Kinsmen Laboratory of Neurological Research, University of B.C, 2255 Wesbrook Mall, Vancouver, B.C. V6T 1Z3, Canada.
Expert Rev Neurother. 2001 Sep;1(1):53-60. doi: 10.1586/14737175.1.1.53.
Postmortem studies have revealed a state of chronic inflammation in affected regions of the brain in Alzheimer's disease (AD). Chronic inflammation can be damaging to host cells and the brain may be particularly vulnerable as neurons are not replaced. Evidence suggests that the inflammation is killing neurons in AD brain, so anti-inflammatory agents might slow the process of the disease. More than 20 epidemiological studies have shown that persons taking nonsteroidal anti-inflammatory drugs (NSAIDs) have a greatly reduced incidence of AD. In one clinical trial, indomethacin appeared to halt the progression of memory loss in AD patients. NSAIDs inhibit synthesis of prostaglandins, which are fringe players in the inflammatory process. Agents that would block the more important actors, such as the complement system, activated microglia and inflammatory cytokines, might have important therapeutic benefits in AD as well as in other conditions, such as heart disease and stroke, where inflammation also plays a deleterious role.

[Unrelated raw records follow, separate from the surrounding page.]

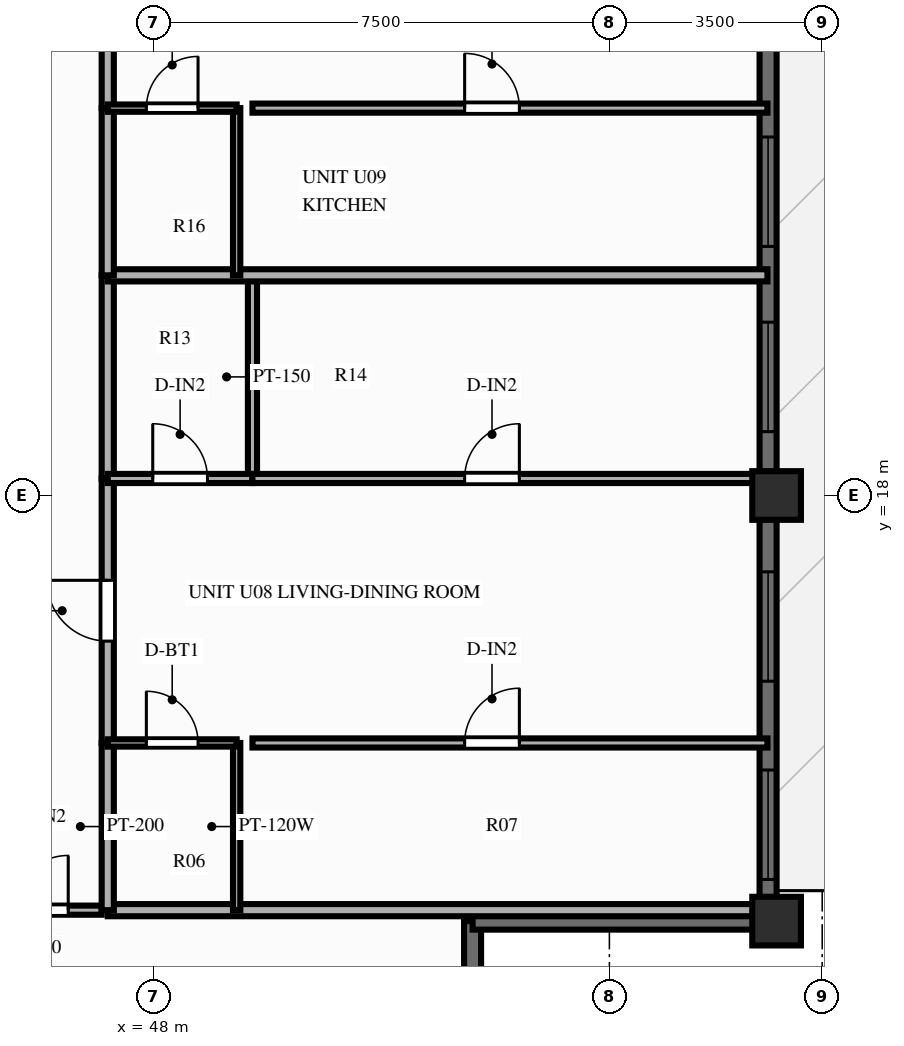
"""IFC4 building model, lengths in metres.
Left out: names, types, materials, properties, quantities, classifications, styles, units other than length and angle.
Written with IfcOpenShell. Run it as: python <this file> out.ifc"""

import sys

from ifc_helpers import new_model, si_unit, direction, frame, frame_2d, origin, origin_2d, place, context, subcontext, project, spatial, rectangle, extrude, source, transform, mapped, element, fill, save


model = new_model("IFC4")
c1 = context("Model", 3, precision=1e-05, world=origin(), true_north=direction((0.0, 1.0)))
c2 = subcontext(c1, "Body", "Model", "MODEL_VIEW")
j1 = project(units=[si_unit("LENGTHUNIT", "METRE"), si_unit("PLANEANGLEUNIT", "RADIAN")], contexts=[c1])
p1 = place(None, origin())
s1 = spatial("IfcSite", under=j1, at=p1, CompositionType="ELEMENT")
p2 = place(p1, origin())
s2 = spatial("IfcBuilding", under=s1, at=p2, CompositionType="ELEMENT")
p3 = place(p2, frame((0.0, 0.0, 172.9)))
s3 = spatial("IfcBuildingStorey", under=s2, at=p3, CompositionType="ELEMENT", Elevation=172.9)
m1 = source(origin(), c2, "Body", "SweptSolid", [
    extrude(rectangle(XDim=0.8, YDim=0.8, at=origin_2d()), origin(), (0.0, 0.0, 1.0), 3.9),
])
for number, where, z_axis, x_axis in (
    (1, (58.25, 11.0, 0.0), (0.0, 0.0, 1.0), (1.0, 0.0, 0.0)),
    (2, (58.25, 18.0, 0.0), (0.0, 0.0, 1.0), (1.0, 0.0, 0.0)),
):
    element("IfcColumn", number, at=place(p3, frame(where, z_axis=z_axis, x_axis=x_axis)), inside=s3, PredefinedType="COLUMN", context=c2, shape_type="MappedRepresentation", body=[
        mapped(m1, transform((0.0, 0.0, 0.0), scale=1.0)),
    ])
p4 = place(p3, frame((58.11, 11.0, 0.0), z_axis=(0.0, 0.0, 1.0), x_axis=(0.0, 1.0, 0.0)))
e3 = element("IfcWall", 3, at=p4, inside=s3, PredefinedType="SOLIDWALL", context=c2, shape_type="SweptSolid", body=[
    extrude(rectangle(XDim=32.0, YDim=0.28, at=frame_2d((16.0, 0.0))), origin(), (0.0, 0.0, 1.0), 2.79),
])
p5 = place(p4, frame((0.685, 0.0, 0.85)))
e4 = element("IfcOpeningElement", 4, at=p5, cuts=e3, PredefinedType="OPENING", context=c2, shape_type="SweptSolid", body=[
    extrude(rectangle(XDim=1.8, YDim=1.65, at=frame_2d((0.9, 0.825))), frame((0.0, 0.152, 0.0), z_axis=(0.0, -1.0, 0.0), x_axis=(1.0, 0.0, 0.0)), (0.0, 0.0, 1.0), 0.304),
])
p6 = place(p4, frame((3.945, 0.0, 0.85)))
e5 = element("IfcOpeningElement", 5, at=p6, cuts=e3, PredefinedType="OPENING", context=c2, shape_type="SweptSolid", body=[
    extrude(rectangle(XDim=1.8, YDim=1.65, at=frame_2d((0.9, 0.825))), frame((0.0, 0.152, 0.0), z_axis=(0.0, -1.0, 0.0), x_axis=(1.0, 0.0, 0.0)), (0.0, 0.0, 1.0), 0.304),
])
p7 = place(p4, frame((8.051, 0.0, 0.85)))
e6 = element("IfcOpeningElement", 6, at=p7, cuts=e3, PredefinedType="OPENING", context=c2, shape_type="SweptSolid", body=[
    extrude(rectangle(XDim=1.8, YDim=1.65, at=frame_2d((0.9, 0.825))), frame((0.0, 0.152, 0.0), z_axis=(0.0, -1.0, 0.0), x_axis=(1.0, 0.0, 0.0)), (0.0, 0.0, 1.0), 0.304),
])
p8 = place(p4, frame((11.096, 0.0, 0.85)))
e7 = element("IfcOpeningElement", 7, at=p8, cuts=e3, PredefinedType="OPENING", context=c2, shape_type="SweptSolid", body=[
    extrude(rectangle(XDim=1.8, YDim=1.65, at=frame_2d((0.9, 0.825))), frame((0.0, 0.152, 0.0), z_axis=(0.0, -1.0, 0.0), x_axis=(1.0, 0.0, 0.0)), (0.0, 0.0, 1.0), 0.304),
])
p9 = place(p4, frame((16.257, 0.0, 0.0), z_axis=(0.0, 0.0, 1.0), x_axis=(-1.0, 0.0, 0.0)))
e8 = element("IfcOpeningElement", 8, at=p9, cuts=e3, PredefinedType="OPENING", context=c2, shape_type="SweptSolid", body=[
    extrude(rectangle(XDim=1.6, YDim=2.15, at=frame_2d((0.8, 1.075))), frame((0.0, 0.152, 0.0), z_axis=(0.0, -1.0, 0.0), x_axis=(1.0, 0.0, 0.0)), (0.0, 0.0, 1.0), 0.304),
])
p10 = place(p4, frame((18.56, 0.0, 0.85)))
e9 = element("IfcOpeningElement", 9, at=p10, cuts=e3, PredefinedType="OPENING", context=c2, shape_type="SweptSolid", body=[
    extrude(rectangle(XDim=1.8, YDim=1.65, at=frame_2d((0.9, 0.825))), frame((0.0, 0.152, 0.0), z_axis=(0.0, -1.0, 0.0), x_axis=(1.0, 0.0, 0.0)), (0.0, 0.0, 1.0), 0.304),
])
p11 = place(p4, frame((21.854, 0.0, 0.85)))
e10 = element("IfcOpeningElement", 10, at=p11, cuts=e3, PredefinedType="OPENING", context=c2, shape_type="SweptSolid", body=[
    extrude(rectangle(XDim=1.8, YDim=1.65, at=frame_2d((0.9, 0.825))), frame((0.0, 0.152, 0.0), z_axis=(0.0, -1.0, 0.0), x_axis=(1.0, 0.0, 0.0)), (0.0, 0.0, 1.0), 0.304),
])
p12 = place(p4, frame((25.711, 0.0, 0.85)))
e11 = element("IfcOpeningElement", 11, at=p12, cuts=e3, PredefinedType="OPENING", context=c2, shape_type="SweptSolid", body=[
    extrude(rectangle(XDim=1.8, YDim=1.65, at=frame_2d((0.9, 0.825))), frame((0.0, 0.152, 0.0), z_axis=(0.0, -1.0, 0.0), x_axis=(1.0, 0.0, 0.0)), (0.0, 0.0, 1.0), 0.304),
])
p13 = place(p4, frame((28.971, 0.0, 0.85)))
e12 = element("IfcOpeningElement", 12, at=p13, cuts=e3, PredefinedType="OPENING", context=c2, shape_type="SweptSolid", body=[
    extrude(rectangle(XDim=1.8, YDim=1.65, at=frame_2d((0.9, 0.825))), frame((0.0, 0.152, 0.0), z_axis=(0.0, -1.0, 0.0), x_axis=(1.0, 0.0, 0.0)), (0.0, 0.0, 1.0), 0.304),
])
for number, where, z_axis, x_axis in (
    (13, (53.25, 6.08, 0.0), (0.0, 0.0, 1.0), (0.0, 1.0, 0.0)),
    (14, (53.25, 11.0, 0.0), (0.0, 0.0, 1.0), (1.0, 0.0, 0.0)),
):
    element("IfcWall", number, at=place(p3, frame(where, z_axis=z_axis, x_axis=x_axis)), inside=s3, PredefinedType="SOLIDWALL", context=c2, shape_type="SweptSolid", body=[
        extrude(rectangle(XDim=4.92, YDim=0.28, at=frame_2d((2.46, 0.0))), origin(), (0.0, 0.0, 1.0), 2.79),
    ])
p14 = place(p3, frame((44.82, 11.18, 0.0), z_axis=(0.0, 0.0, 1.0), x_axis=(1.0, 0.0, 0.0)))
e15 = element("IfcWall", 15, at=p14, inside=s3, PredefinedType="PARTITIONING", context=c2, shape_type="SweptSolid", body=[
    extrude(rectangle(XDim=2.33, YDim=0.15, at=frame_2d((1.165, 0.0))), origin(), (0.0, 0.0, 1.0), 3.69),
])
p15 = place(p14, frame((0.88, 0.0, 0.0)))
e16 = element("IfcOpeningElement", 16, at=p15, cuts=e15, PredefinedType="OPENING", context=c2, shape_type="SweptSolid", body=[
    extrude(rectangle(XDim=0.9, YDim=2.1, at=frame_2d((0.45, 1.05))), frame((0.0, 0.087, 0.0), z_axis=(0.0, -1.0, 0.0), x_axis=(1.0, 0.0, 0.0)), (0.0, 0.0, 1.0), 0.174),
])
p16 = place(p3, frame((47.25, 11.18, 0.0), z_axis=(0.0, 0.0, 1.0), x_axis=(1.0, 0.0, 0.0)))
e17 = element("IfcWall", 17, at=p16, inside=s3, PredefinedType="PARTITIONING", context=c2, shape_type="SweptSolid", body=[
    extrude(rectangle(XDim=10.85, YDim=0.2, at=frame_2d((5.425, 0.0))), origin(), (0.0, 0.0, 1.0), 3.69),
])
p17 = place(p3, frame((47.25, 11.18, 0.0), z_axis=(0.0, 0.0, 1.0), x_axis=(0.0, 1.0, 0.0)))
e18 = element("IfcWall", 18, at=p17, inside=s3, PredefinedType="PARTITIONING", context=c2, shape_type="SweptSolid", body=[
    extrude(rectangle(XDim=2.75, YDim=0.2, at=frame_2d((1.375, 0.0))), origin(), (0.0, 0.0, 1.0), 3.69),
])
p18 = place(p3, frame((47.25, 13.93, 0.0), z_axis=(0.0, 0.0, 1.0), x_axis=(0.0, 1.0, 0.0)))
e19 = element("IfcWall", 19, at=p18, inside=s3, PredefinedType="PARTITIONING", context=c2, shape_type="SweptSolid", body=[
    extrude(rectangle(XDim=4.35, YDim=0.2, at=frame_2d((2.175, 0.0))), origin(), (0.0, 0.0, 1.0), 3.69),
])
p19 = place(p18, frame((1.675, 0.0, 0.0)))
e20 = element("IfcOpeningElement", 20, at=p19, cuts=e19, PredefinedType="OPENING", context=c2, shape_type="SweptSolid", body=[
    extrude(rectangle(XDim=1.0, YDim=2.15, at=frame_2d((0.5, 1.075))), frame((0.0, 0.112, 0.0), z_axis=(0.0, -1.0, 0.0), x_axis=(1.0, 0.0, 0.0)), (0.0, 0.0, 1.0), 0.224),
])
p20 = place(p3, frame((47.25, 18.28, 0.0), z_axis=(0.0, 0.0, 1.0), x_axis=(0.0, 1.0, 0.0)))
e21 = element("IfcWall", 21, at=p20, inside=s3, PredefinedType="PARTITIONING", context=c2, shape_type="SweptSolid", body=[
    extrude(rectangle(XDim=3.341, YDim=0.2, at=frame_2d((1.67, 0.0))), origin(), (0.0, 0.0, 1.0), 3.69),
])
p21 = place(p3, frame((49.37, 11.18, 0.0), z_axis=(0.0, 0.0, 1.0), x_axis=(0.0, 1.0, 0.0)))
e22 = element("IfcWall", 22, at=p21, inside=s3, PredefinedType="PARTITIONING", context=c2, shape_type="SweptSolid", body=[
    extrude(rectangle(XDim=2.75, YDim=0.12, at=frame_2d((1.375, 0.0))), origin(), (0.0, 0.0, 1.0), 3.69),
])
p22 = place(p3, frame((49.63, 18.28, 0.0), z_axis=(0.0, 0.0, 1.0), x_axis=(0.0, 1.0, 0.0)))
e23 = element("IfcWall", 23, at=p22, inside=s3, PredefinedType="PARTITIONING", context=c2, shape_type="SweptSolid", body=[
    extrude(rectangle(XDim=3.341, YDim=0.15, at=frame_2d((1.67, 0.0))), origin(), (0.0, 0.0, 1.0), 3.69),
])
p23 = place(p3, frame((47.25, 13.93, 0.0), z_axis=(0.0, 0.0, 1.0), x_axis=(1.0, 0.0, 0.0)))
e24 = element("IfcWall", 24, at=p23, inside=s3, PredefinedType="PARTITIONING", context=c2, shape_type="SweptSolid", body=[
    extrude(rectangle(XDim=2.12, YDim=0.12, at=frame_2d((1.06, 0.0))), origin(), (0.0, 0.0, 1.0), 3.69),
])
p24 = place(p23, frame((0.635, 0.0, 0.0)))
e25 = element("IfcOpeningElement", 25, at=p24, cuts=e24, PredefinedType="OPENING", context=c2, shape_type="SweptSolid", body=[
    extrude(rectangle(XDim=0.85, YDim=2.05, at=frame_2d((0.425, 1.025))), frame((0.0, 0.072, 0.0), z_axis=(0.0, -1.0, 0.0), x_axis=(1.0, 0.0, 0.0)), (0.0, 0.0, 1.0), 0.144),
])
p25 = place(p3, frame((49.63, 13.93, 0.0), z_axis=(0.0, 0.0, 1.0), x_axis=(1.0, 0.0, 0.0)))
e26 = element("IfcWall", 26, at=p25, inside=s3, PredefinedType="PARTITIONING", context=c2, shape_type="SweptSolid", body=[
    extrude(rectangle(XDim=8.47, YDim=0.15, at=frame_2d((4.235, 0.0))), origin(), (0.0, 0.0, 1.0), 3.69),
])
p26 = place(p25, frame((3.49, 0.0, 0.0)))
e27 = element("IfcOpeningElement", 27, at=p26, cuts=e26, PredefinedType="OPENING", context=c2, shape_type="SweptSolid", body=[
    extrude(rectangle(XDim=0.9, YDim=2.1, at=frame_2d((0.45, 1.05))), frame((0.0, 0.087, 0.0), z_axis=(0.0, -1.0, 0.0), x_axis=(1.0, 0.0, 0.0)), (0.0, 0.0, 1.0), 0.174),
])
p27 = place(p3, frame((47.25, 18.28, 0.0), z_axis=(0.0, 0.0, 1.0), x_axis=(1.0, 0.0, 0.0)))
e28 = element("IfcWall", 28, at=p27, inside=s3, PredefinedType="PARTITIONING", context=c2, shape_type="SweptSolid", body=[
    extrude(rectangle(XDim=2.38, YDim=0.15, at=frame_2d((1.19, 0.0))), origin(), (0.0, 0.0, 1.0), 3.69),
])
p28 = place(p27, frame((0.74, 0.0, 0.0)))
e29 = element("IfcOpeningElement", 29, at=p28, cuts=e28, PredefinedType="OPENING", context=c2, shape_type="SweptSolid", body=[
    extrude(rectangle(XDim=0.9, YDim=2.1, at=frame_2d((0.45, 1.05))), frame((0.0, 0.087, 0.0), z_axis=(0.0, -1.0, 0.0), x_axis=(1.0, 0.0, 0.0)), (0.0, 0.0, 1.0), 0.174),
])
p29 = place(p3, frame((49.63, 18.28, 0.0), z_axis=(0.0, 0.0, 1.0), x_axis=(1.0, 0.0, 0.0)))
e30 = element("IfcWall", 30, at=p29, inside=s3, PredefinedType="PARTITIONING", context=c2, shape_type="SweptSolid", body=[
    extrude(rectangle(XDim=8.47, YDim=0.15, at=frame_2d((4.235, 0.0))), origin(), (0.0, 0.0, 1.0), 3.69),
])
p30 = place(p29, frame((3.49, 0.0, 0.0)))
e31 = element("IfcOpeningElement", 31, at=p30, cuts=e30, PredefinedType="OPENING", context=c2, shape_type="SweptSolid", body=[
    extrude(rectangle(XDim=0.9, YDim=2.1, at=frame_2d((0.45, 1.05))), frame((0.0, 0.087, 0.0), z_axis=(0.0, -1.0, 0.0), x_axis=(1.0, 0.0, 0.0)), (0.0, 0.0, 1.0), 0.174),
])
p31 = place(p3, frame((47.25, 21.621, 0.0), z_axis=(0.0, 0.0, 1.0), x_axis=(1.0, 0.0, 0.0)))
e32 = element("IfcWall", 32, at=p31, inside=s3, PredefinedType="PARTITIONING", context=c2, shape_type="SweptSolid", body=[
    extrude(rectangle(XDim=10.85, YDim=0.2, at=frame_2d((5.425, 0.0))), origin(), (0.0, 0.0, 1.0), 3.29),
])
p32 = place(p3, frame((47.25, 21.621, 0.0), z_axis=(0.0, 0.0, 1.0), x_axis=(0.0, 1.0, 0.0)))
e33 = element("IfcWall", 33, at=p32, inside=s3, PredefinedType="PARTITIONING", context=c2, shape_type="SweptSolid", body=[
    extrude(rectangle(XDim=2.75, YDim=0.2, at=frame_2d((1.375, 0.0))), origin(), (0.0, 0.0, 1.0), 3.69),
])
p33 = place(p3, frame((47.25, 24.371, 0.0), z_axis=(0.0, 0.0, 1.0), x_axis=(0.0, 1.0, 0.0)))
e34 = element("IfcWall", 34, at=p33, inside=s3, PredefinedType="PARTITIONING", context=c2, shape_type="SweptSolid", body=[
    extrude(rectangle(XDim=4.171, YDim=0.2, at=frame_2d((2.085, 0.0))), origin(), (0.0, 0.0, 1.0), 3.69),
])
p34 = place(p33, frame((1.585, 0.0, 0.0)))
e35 = element("IfcOpeningElement", 35, at=p34, cuts=e34, PredefinedType="OPENING", context=c2, shape_type="SweptSolid", body=[
    extrude(rectangle(XDim=1.0, YDim=2.15, at=frame_2d((0.5, 1.075))), frame((0.0, 0.112, 0.0), z_axis=(0.0, -1.0, 0.0), x_axis=(1.0, 0.0, 0.0)), (0.0, 0.0, 1.0), 0.224),
])
p35 = place(p3, frame((49.37, 21.621, 0.0), z_axis=(0.0, 0.0, 1.0), x_axis=(0.0, 1.0, 0.0)))
e36 = element("IfcWall", 36, at=p35, inside=s3, PredefinedType="PARTITIONING", context=c2, shape_type="SweptSolid", body=[
    extrude(rectangle(XDim=2.75, YDim=0.12, at=frame_2d((1.375, 0.0))), origin(), (0.0, 0.0, 1.0), 3.69),
])
p36 = place(p3, frame((47.25, 24.371, 0.0), z_axis=(0.0, 0.0, 1.0), x_axis=(1.0, 0.0, 0.0)))
e37 = element("IfcWall", 37, at=p36, inside=s3, PredefinedType="PARTITIONING", context=c2, shape_type="SweptSolid", body=[
    extrude(rectangle(XDim=2.12, YDim=0.12, at=frame_2d((1.06, 0.0))), origin(), (0.0, 0.0, 1.0), 3.69),
])
p37 = place(p36, frame((0.635, 0.0, 0.0)))
e38 = element("IfcOpeningElement", 38, at=p37, cuts=e37, PredefinedType="OPENING", context=c2, shape_type="SweptSolid", body=[
    extrude(rectangle(XDim=0.85, YDim=2.05, at=frame_2d((0.425, 1.025))), frame((0.0, 0.072, 0.0), z_axis=(0.0, -1.0, 0.0), x_axis=(1.0, 0.0, 0.0)), (0.0, 0.0, 1.0), 0.144),
])
p38 = place(p3, frame((49.63, 24.371, 0.0), z_axis=(0.0, 0.0, 1.0), x_axis=(1.0, 0.0, 0.0)))
e39 = element("IfcWall", 39, at=p38, inside=s3, PredefinedType="PARTITIONING", context=c2, shape_type="SweptSolid", body=[
    extrude(rectangle(XDim=8.47, YDim=0.15, at=frame_2d((4.235, 0.0))), origin(), (0.0, 0.0, 1.0), 3.69),
])
p39 = place(p38, frame((3.49, 0.0, 0.0)))
e40 = element("IfcOpeningElement", 40, at=p39, cuts=e39, PredefinedType="OPENING", context=c2, shape_type="SweptSolid", body=[
    extrude(rectangle(XDim=0.9, YDim=2.1, at=frame_2d((0.45, 1.05))), frame((0.0, 0.087, 0.0), z_axis=(0.0, -1.0, 0.0), x_axis=(1.0, 0.0, 0.0)), (0.0, 0.0, 1.0), 0.174),
])
m2 = source(origin(), c2, "Body", "SweptSolid", [
    extrude(rectangle(XDim=1.8, YDim=1.65, at=frame_2d((0.9, 0.825))), frame((0.0, 0.03, 0.0), z_axis=(0.0, -1.0, 0.0), x_axis=(1.0, 0.0, 0.0)), (0.0, 0.0, 1.0), 0.06),
])
p40 = place(p5, origin())
e41 = element("IfcWindow", 41, at=p40, inside=s3, PartitioningType="SINGLE_PANEL", PredefinedType="WINDOW", context=c2, shape_type="MappedRepresentation", body=[
    mapped(m2, transform((0.0, 0.0, 0.0), scale=1.0)),
])
fill(e4, e41)
p41 = place(p6, origin())
e42 = element("IfcWindow", 42, at=p41, inside=s3, PartitioningType="SINGLE_PANEL", PredefinedType="WINDOW", context=c2, shape_type="MappedRepresentation", body=[
    mapped(m2, transform((0.0, 0.0, 0.0), scale=1.0)),
])
fill(e5, e42)
p42 = place(p7, origin())
e43 = element("IfcWindow", 43, at=p42, inside=s3, PartitioningType="SINGLE_PANEL", PredefinedType="WINDOW", context=c2, shape_type="MappedRepresentation", body=[
    mapped(m2, transform((0.0, 0.0, 0.0), scale=1.0)),
])
fill(e6, e43)
p43 = place(p8, origin())
e44 = element("IfcWindow", 44, at=p43, inside=s3, PartitioningType="SINGLE_PANEL", PredefinedType="WINDOW", context=c2, shape_type="MappedRepresentation", body=[
    mapped(m2, transform((0.0, 0.0, 0.0), scale=1.0)),
])
fill(e7, e44)
m3 = source(origin(), c2, "Body", "SweptSolid", [
    extrude(rectangle(XDim=0.9, YDim=2.1, at=frame_2d((0.45, 1.05))), frame((0.0, 0.025, 0.0), z_axis=(0.0, -1.0, 0.0), x_axis=(1.0, 0.0, 0.0)), (0.0, 0.0, 1.0), 0.05),
])
p44 = place(p15, origin())
e45 = element("IfcDoor", 45, at=p44, inside=s3, OperationType="SINGLE_SWING_RIGHT", PredefinedType="DOOR", context=c2, shape_type="MappedRepresentation", body=[
    mapped(m3, transform((0.0, 0.0, 0.0), scale=1.0)),
])
fill(e16, e45)
m4 = source(origin(), c2, "Body", "SweptSolid", [
    extrude(rectangle(XDim=1.0, YDim=2.15, at=frame_2d((0.5, 1.075))), frame((0.0, 0.025, 0.0), z_axis=(0.0, -1.0, 0.0), x_axis=(1.0, 0.0, 0.0)), (0.0, 0.0, 1.0), 0.05),
])
p45 = place(p19, origin())
e46 = element("IfcDoor", 46, at=p45, inside=s3, OperationType="SINGLE_SWING_RIGHT", PredefinedType="DOOR", context=c2, shape_type="MappedRepresentation", body=[
    mapped(m4, transform((0.0, 0.0, 0.0), scale=1.0)),
])
fill(e20, e46)
m5 = source(origin(), c2, "Body", "SweptSolid", [
    extrude(rectangle(XDim=0.85, YDim=2.05, at=frame_2d((0.425, 1.025))), frame((0.0, 0.025, 0.0), z_axis=(0.0, -1.0, 0.0), x_axis=(1.0, 0.0, 0.0)), (0.0, 0.0, 1.0), 0.05),
])
p46 = place(p24, origin())
e47 = element("IfcDoor", 47, at=p46, inside=s3, OperationType="SINGLE_SWING_LEFT", PredefinedType="DOOR", context=c2, shape_type="MappedRepresentation", body=[
    mapped(m5, transform((0.0, 0.0, 0.0), scale=1.0)),
])
fill(e25, e47)
p47 = place(p26, origin())
e48 = element("IfcDoor", 48, at=p47, inside=s3, OperationType="SINGLE_SWING_RIGHT", PredefinedType="DOOR", context=c2, shape_type="MappedRepresentation", body=[
    mapped(m3, transform((0.0, 0.0, 0.0), scale=1.0)),
])
fill(e27, e48)
p48 = place(p28, origin())
e49 = element("IfcDoor", 49, at=p48, inside=s3, OperationType="SINGLE_SWING_LEFT", PredefinedType="DOOR", context=c2, shape_type="MappedRepresentation", body=[
    mapped(m3, transform((0.0, 0.0, 0.0), scale=1.0)),
])
fill(e29, e49)
p49 = place(p30, origin())
e50 = element("IfcDoor", 50, at=p49, inside=s3, OperationType="SINGLE_SWING_RIGHT", PredefinedType="DOOR", context=c2, shape_type="MappedRepresentation", body=[
    mapped(m3, transform((0.0, 0.0, 0.0), scale=1.0)),
])
fill(e31, e50)
p50 = place(p37, origin())
e51 = element("IfcDoor", 51, at=p50, inside=s3, OperationType="SINGLE_SWING_RIGHT", PredefinedType="DOOR", context=c2, shape_type="MappedRepresentation", body=[
    mapped(m5, transform((0.0, 0.0, 0.0), scale=1.0)),
])
fill(e38, e51)
p51 = place(p39, origin())
e52 = element("IfcDoor", 52, at=p51, inside=s3, OperationType="SINGLE_SWING_LEFT", PredefinedType="DOOR", context=c2, shape_type="MappedRepresentation", body=[
    mapped(m3, transform((0.0, 0.0, 0.0), scale=1.0)),
])
fill(e40, e52)
save(model, sys.argv[1])

尸检研究表明,阿尔茨海默病(AD)患者大脑受影响区域存在慢性炎症状态。慢性炎症可能对宿主细胞造成损害,而大脑可能特别脆弱,因为神经元不能被替代。有证据表明,炎症正在杀死 AD 大脑中的神经元,因此抗炎药可能会减缓疾病的进程。超过 20 项流行病学研究表明,服用非甾体抗炎药(NSAIDs)的人患 AD 的发病率大大降低。在一项临床试验中,吲哚美辛似乎阻止了 AD 患者记忆丧失的进展。NSAIDs 抑制前列腺素的合成,前列腺素在炎症过程中只是边缘参与者。阻断更重要的参与者(如补体系统、激活的小胶质细胞和炎症细胞因子)的药物,可能对 AD 以及心脏病和中风等其他炎症也会产生有害作用的疾病具有重要的治疗益处。